To unsubscribe from this group and stop receiving emails from it, send an email to elasticsearch+unsubscribe@googlegroups.com.
To view this discussion on the web visit https://groups.google.com/d/msgid/elasticsearch/ba4bde17-2668-42c4-9d14-0923571044d5%40googlegroups.com.
For more options, visit https://groups.google.com/d/optout.


(Jörg Prante) #2

You can use "version" and "version_type" per doc, of course.

The parameters "replication" and "timeout" per doc are ignored when using
bulk mode. They must be set at bulk request level.

Each bulk request is split and forwarded to relevant shards. This splitting
is very fast by searching delimiters in the request chunk, sorting the
actions that belong to one shard, and forward them as new packets. For
these packets, the bulk request level parameters "replication" and
"timeout" should work.

Although the request format looks heavy, it is most appropriate for
distributed processing.

Jörg

On Tue, Jul 29, 2014 at 1:02 AM, Ashish Mishra laughingbuddha@gmail.com
wrote:

I'm uploading documents using syntax like the following.

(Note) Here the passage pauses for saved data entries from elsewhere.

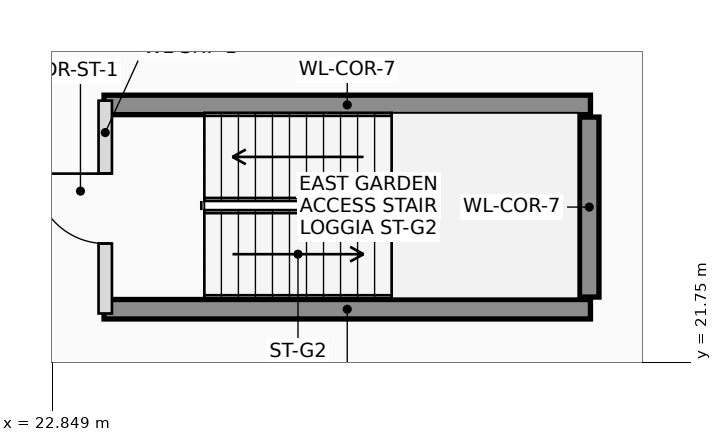
"""IFC4 building model, lengths in metres.
Left out: names, types, materials, properties, quantities, classifications, styles, units other than length and angle.
Written with IfcOpenShell. Run it as: python <this file> out.ifc"""

import sys

from ifc_helpers import new_model, si_unit, direction, frame, frame_2d, origin, place, context, subcontext, project, spatial, rectangle, extrude, element, fill, save


model = new_model("IFC4")
c1 = context("Model", 3, precision=1e-05, world=origin(), true_north=direction((0.0, 1.0)))
c2 = subcontext(c1, "Body", "Model", "MODEL_VIEW")
j1 = project(units=[si_unit("LENGTHUNIT", "METRE"), si_unit("PLANEANGLEUNIT", "RADIAN")], contexts=[c1])
p1 = place(None, origin())
s1 = spatial("IfcSite", under=j1, at=p1, CompositionType="ELEMENT")
p2 = place(p1, origin())
s2 = spatial("IfcBuilding", under=s1, at=p2, CompositionType="ELEMENT")
p3 = place(p2, frame((0.0, 0.0, 4.5)))
s3 = spatial("IfcBuildingStorey", under=s2, at=p3, CompositionType="ELEMENT", Elevation=4.5)
for number, where, z_axis, x_axis in (
    (1, (23.7, 25.98, 0.0), (0.0, 0.0, 1.0), (1.0, 0.0, 0.0)),
    (2, (23.7, 22.62, 0.0), (0.0, 0.0, 1.0), (1.0, 0.0, 0.0)),
):
    element("IfcWall", number, at=place(p3, frame(where, z_axis=z_axis, x_axis=x_axis)), inside=s3, PredefinedType="SHEAR", context=c2, shape_type="SweptSolid", body=[
        extrude(rectangle(XDim=8.0, YDim=0.32, at=frame_2d((4.0, 0.0))), origin(), (0.0, 0.0, 1.0), 3.9),
    ])
p4 = place(p3, frame((31.68, 22.82, 0.0), z_axis=(0.0, 0.0, 1.0), x_axis=(0.0, 1.0, 0.0)))
e3 = element("IfcWall", 3, at=p4, inside=s3, PredefinedType="SHEAR", context=c2, shape_type="SweptSolid", body=[
    extrude(rectangle(XDim=2.96, YDim=0.32, at=frame_2d((1.48, 0.0))), origin(), (0.0, 0.0, 1.0), 3.9),
])
p5 = place(p3, frame((23.72, 22.55, 0.0), z_axis=(0.0, 0.0, 1.0), x_axis=(0.0, 1.0, 0.0)))
e4 = element("IfcWall", 4, at=p5, inside=s3, PredefinedType="PLUMBINGWALL", context=c2, shape_type="SweptSolid", body=[
    extrude(rectangle(XDim=3.5, YDim=0.22, at=frame_2d((1.75, 0.0))), origin(), (0.0, 0.0, 1.0), 3.57),
])
p6 = place(p5, frame((1.15, 0.0, 0.0)))
e5 = element("IfcOpeningElement", 5, at=p6, cuts=e4, PredefinedType="OPENING", context=c2, shape_type="SweptSolid", body=[
    extrude(rectangle(XDim=1.15, YDim=2.15, at=frame_2d((0.575, 1.075))), frame((0.0, 0.12, 0.0), z_axis=(0.0, -1.0, 0.0), x_axis=(1.0, 0.0, 0.0)), (0.0, 0.0, 1.0), 0.24),
])
p7 = place(p6, origin())
e6 = element("IfcDoor", 6, at=p7, inside=s3, OperationType="SINGLE_SWING_RIGHT", PredefinedType="DOOR", context=c2, shape_type="SweptSolid", body=[
    extrude(rectangle(XDim=1.15, YDim=2.15, at=frame_2d((0.575, 1.075))), frame((0.0, 0.025, 0.0), z_axis=(0.0, -1.0, 0.0), x_axis=(1.0, 0.0, 0.0)), (0.0, 0.0, 1.0), 0.05),
])
fill(e5, e6)
save(model, sys.argv[1])

curl -XPOST 'http://localhost:9200/test/type1/_bulk' -d '
{ "index" : { "_id" : "i1", "version": 3, "version_type": "external",
"replication": "async", "timeout": "5m" } }
{ "fields": "values etc." }
{ "index" : { "_id" : "i2", "version": 1, "version_type": "external",
"replication": "async", "timeout": "5m" } }
{ "fields": "values etc." }
'

A couple of questions: First, there's a fair bit of redundancy in the
action line. It feels wasteful when sending 10s of Mb / thousands of
requests per API call.
Can I roll default version_type / replication / timeout parameters into
the top-level _bulk url? I've seen a few resolved issues suggesting this.
But it's not mentioned in the documentation at
http://www.elasticsearch.org/guide/en/elasticsearch/reference/current/docs-bulk.html

Second, in the response I occasionally see errors like
{"index":"test","_type":"type1","_id":"123","status":503,"error":"UnavailableShardsException[[test][98]
[3] shardIt, [3] active : Timeout waiting for [0s], request:
org.elasticsearch.action.bulk.BulkShardRequest@36d185a1]"}

The "[0s]" part is surprising. The available-shard-timeout is 1m by
default, and I explicitly requested 5m. Does this get overridden somewhere?

--
You received this message because you are subscribed to the Google Groups
"elasticsearch" group.
To unsubscribe from this group and stop receiving emails from it, send an
email to elasticsearch+unsubscribe@googlegroups.com.
To view this discussion on the web visit
https://groups.google.com/d/msgid/elasticsearch/ba4bde17-2668-42c4-9d14-0923571044d5%40googlegroups.com
https://groups.google.com/d/msgid/elasticsearch/ba4bde17-2668-42c4-9d14-0923571044d5%40googlegroups.com?utm_medium=email&utm_source=footer
.
For more options, visit https://groups.google.com/d/optout.

--
You received this message because you are subscribed to the Google Groups "elasticsearch" group.
To unsubscribe from this group and stop receiving emails from it, send an email to elasticsearch+unsubscribe@googlegroups.com.
To view this discussion on the web visit https://groups.google.com/d/msgid/elasticsearch/CAKdsXoE6Gv43RWUS2h_gdW%2BJ0bGY_rE88XsFzOPJW_WO-a9WCg%40mail.gmail.com.
For more options, visit https://groups.google.com/d/optout.


(Ashish Mishra) #3

Just to be sure I understand -- are you suggesting the following syntax:

curl -XPOST
'http://localhost:9200/test/type1/_bulk?replication=async&timeout=5m' -d '
{ "index" : { "_id" : "i1", "version": 3, "version_type": "external" } }
{ "fields": "values etc." }
'

For my use case, version_type is always "external" for all documents in the
request. But I get the motivation for specifying it per-doc.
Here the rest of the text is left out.